Loading mechanisms – Part I
As there are huge amounts of data available within companies, data is also moved in increasing quantities from one data storage to another for multiple reasons. As copying data can come with a longer load time and higher costs, you want to make this process as efficient as possible. Luckily, there are multiple loading mechanisms available that can optimize this flow. In this blog, you will be introduced to different loading mechanisms. What methods are available and what are the (dis)advantages of each method? Finally, the difference between an incremental and full load will be discussed, as well as the factors that influence your decision choosing between these two options.
There are multiple ways to get your data available in another location or place of storage. In general, there are two options: Replication or virtualization. In the next part, these two methods will be discussed in detail, as well as some variations.
With a replication method, you copy the data from a source to a target storage. In this case, the data is physically stored in the target side. An advantage of this is that your data is typically faster accessible when it is physically stored there.
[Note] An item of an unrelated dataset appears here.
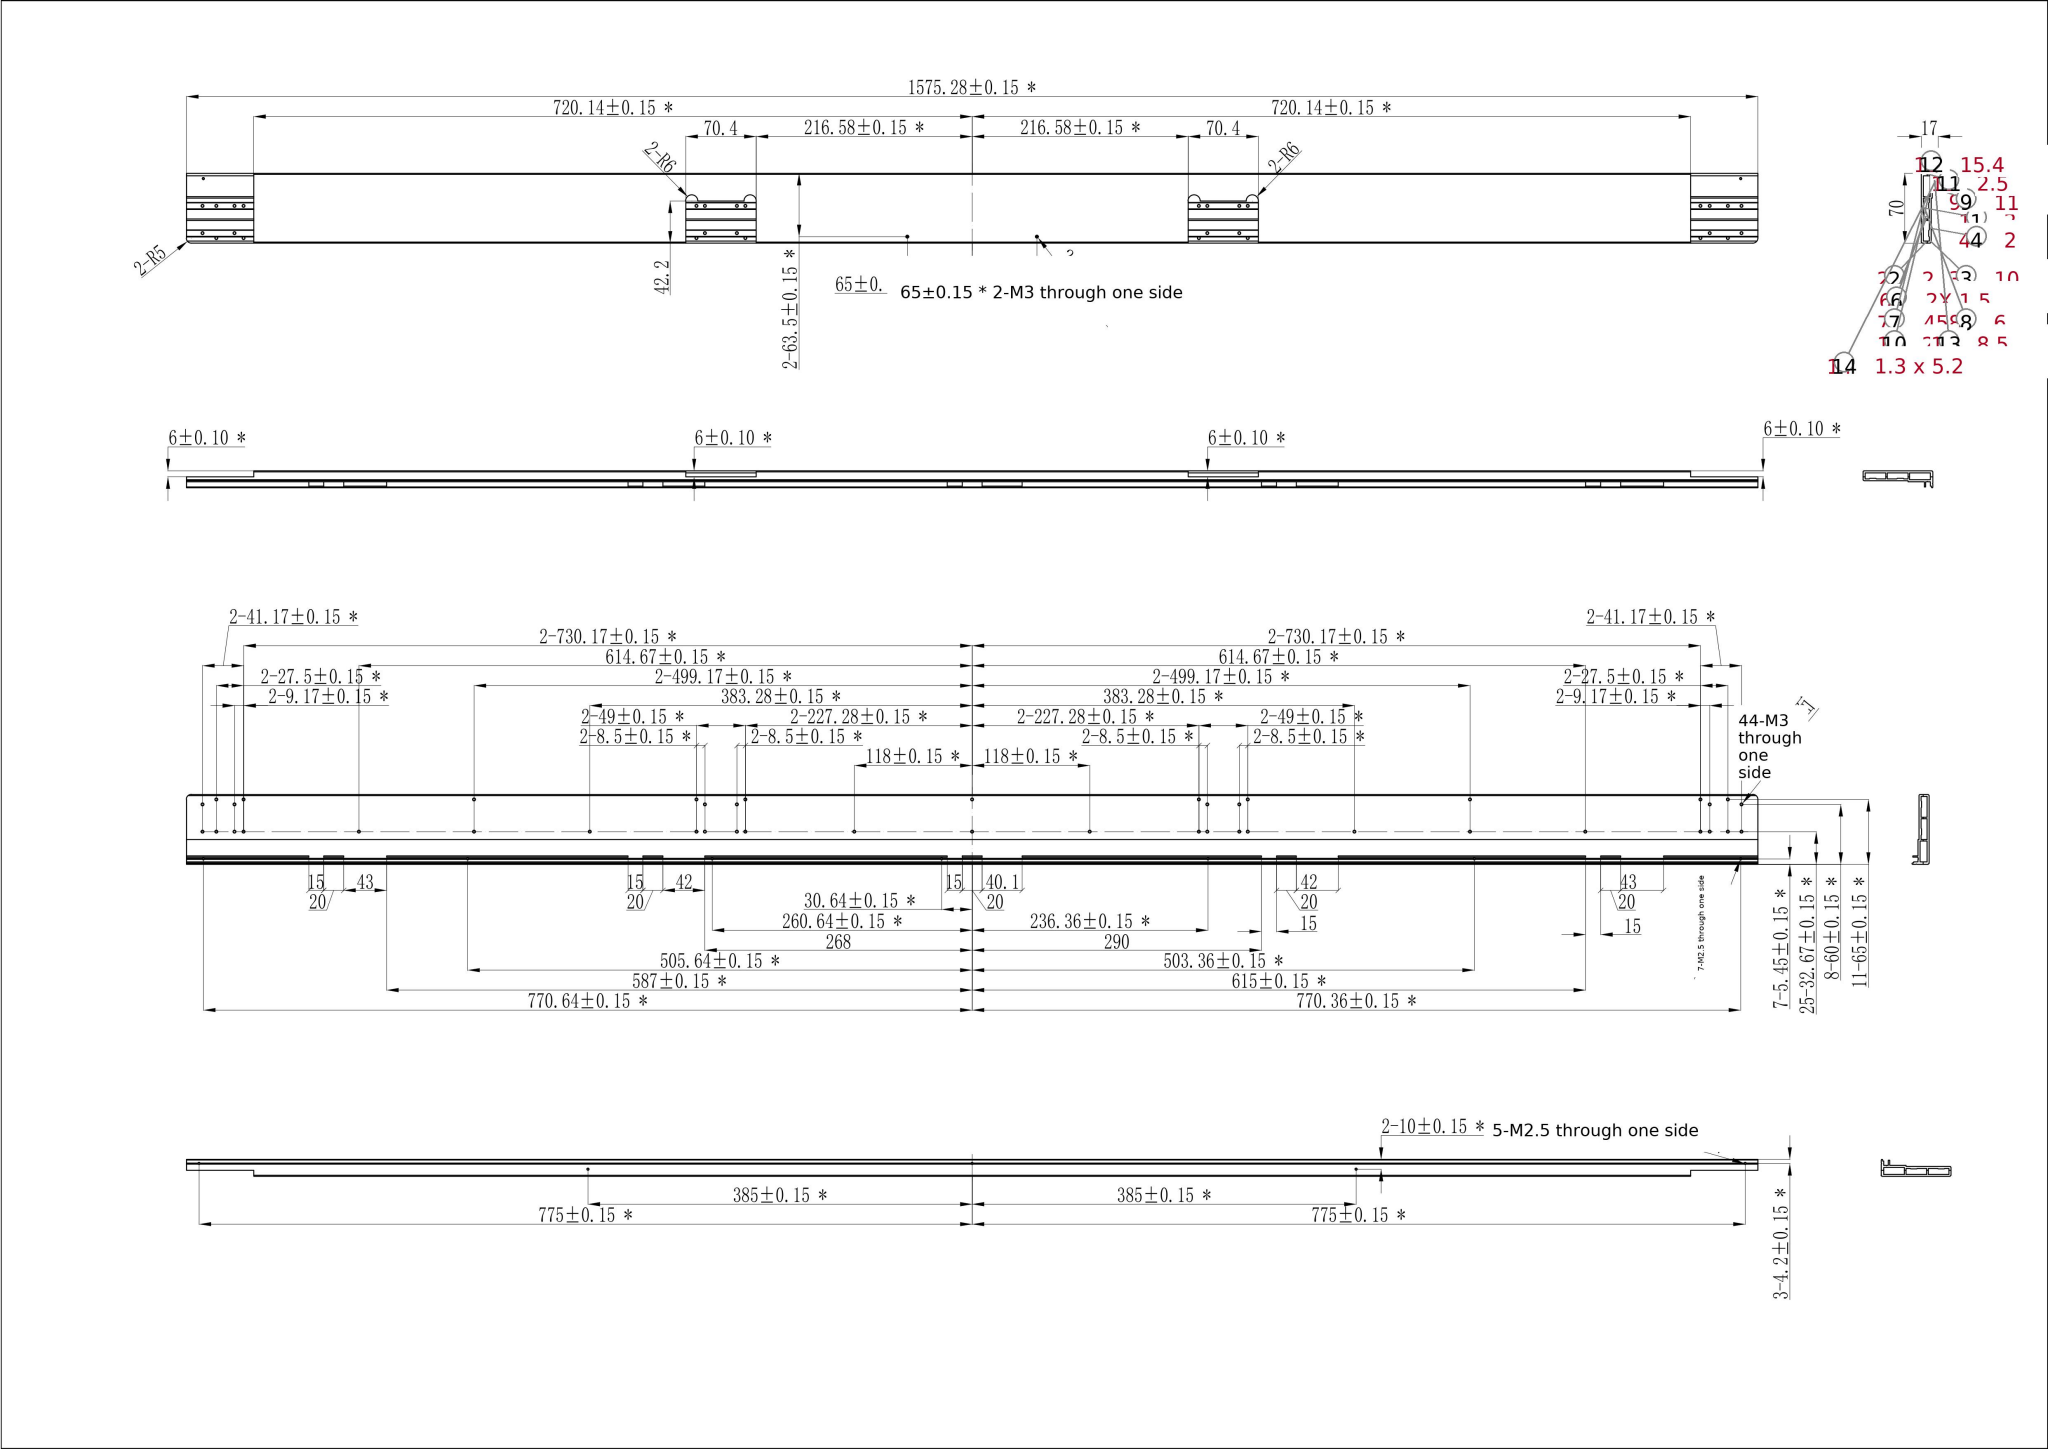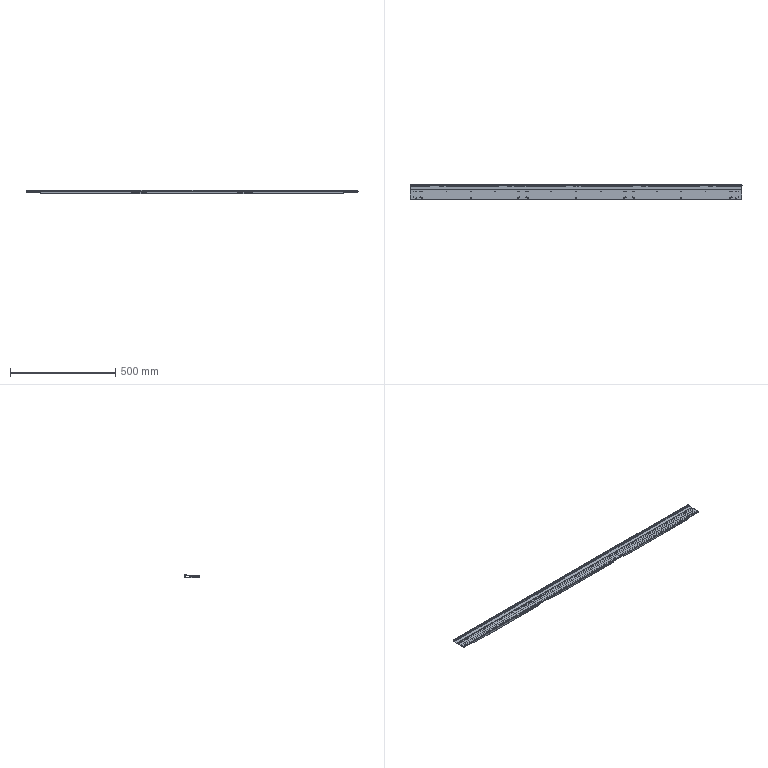Part | SolidWorks | mm | 1 solid | 361 faces | box 1575.28 x 70 x 17 mm | volume 518484 mm3 | plane 135 | cylinder 121 | cone 105 | commonest cylinder face diameters 3 x92 2.5 x24 2 x5

A first replication example is a batch load. As the name says, the data is loaded in batches. This means that not each change in the data (Insert, update, or delete) is immediately copied to the target, but that multiple changes are copied together at the same time. A batch load typically happens once a day, during the night. An advantage of a batch load is that you limit the impact on the source storage. The data is only extracted once a day, which means that the source is only impacted once during the night when the storage is already used less by users. A disadvantage of this method is that the data at the target side is only refreshed once a day. This means that users must wait for the next day until they can access new data. A batch load can be seen as a default load that is used in most cases. This is because it is easy to set up and is sufficient in most cases.
A mini batch works similar as a batch load, but here the data is copied more than once a day. The data copy interval varies typically between once a minute and once every few hours. An advantage of a mini batch load is that the data is updated more frequently at the target storage. A disadvantage is that the source storage will be impacted multiple times a day. This impact can be minimized if an incremental load is done each time.
With streaming, changes at the source side are immediately pushed to the target storage. This has as an advantage that the target is always up to date. A disadvantage is that it is more complicated to set-up. While it may seem nice to have your target side always up to date, it should be noted that not all scenarios require real-time data with streaming.
Virtualization is a special type of loading your data, as your data is not physically stored at the target side. A disadvantage of this method is that it typically takes a little bit longer to get the result of your query compared to replication where that data is physically stored at the target. However, some technologies limit this disadvantage to a minimum.
Examples of tools that allow virtualization are the Serverless SQL pool in Azure Synapse Analytics, which allows you to query files directly from your data lake, and Power BI DirectQuery. For the last one, queries are sent to the source database. In this case, an impact at the source side should be kept in mind. It should also be noted that compared to replication there is no data load interval specified. Queries are only sent to the source side when there is a request from a user. For example, when a visual is changed or filter in Power BI DirectQuery.
Full and Incremental Load
Another decision that needs to be made is what data you want to load exactly. For this, there are two options. A full load, or an incremental one.
In a full load, as the name says, all the data from the source will be extracted and copied to the target storage. An advantage of a full load is that its set-up is easy. In cases where the source does not contain a lot of data, a full load can be sufficient.
However, for larger data loads, a full load might not be the desired solution. A full copy of large tables might result in high costs and longer load times. For this, an incremental load will be the preferred solution. With an incremental load, you only copy the changes that have been made after the last load. For tables with millions of rows, where only a few thousands of records are changed per day, an incremental load is the way to go. It should be noted that this method requires a bit more configuration as compared to a full one. The source side should also be able to track the changes in some way. If the changes cannot be tracked, it is not possible to do an incremental load. Luckily, there are multiple ways to track your changes at the source side. In a next blog, the different options will be discussed in detail.
When choosing between an incremental or full load, two key factors should always be kept in mind. The first factor is the data volume. The higher the data volume, the bigger the potential improvement in cost and load time. For a table with only a few hundreds or thousands of records, it might not be worth it to implement an incremental load. For a very large table, it will be a lot more interesting to invest some time creating an incremental load. The second factor is the complexity of the incremental set-up. For some data sources, a built-in functionality can be enabled that tracks all data changes. This means a lower complexity. For other sources however, it is possible that there are no functionalities like this. These sources require self-developed tools to be able to track the changes. This results in a much higher complexity of the incremental set-up.
In this blog, different options to load your data are discussed. As there are many options, each with its specific advantages and disadvantages, it should be noted that there is no silver bullet that can be applied to each problem. Depending on the problem, some options will be more beneficial than others.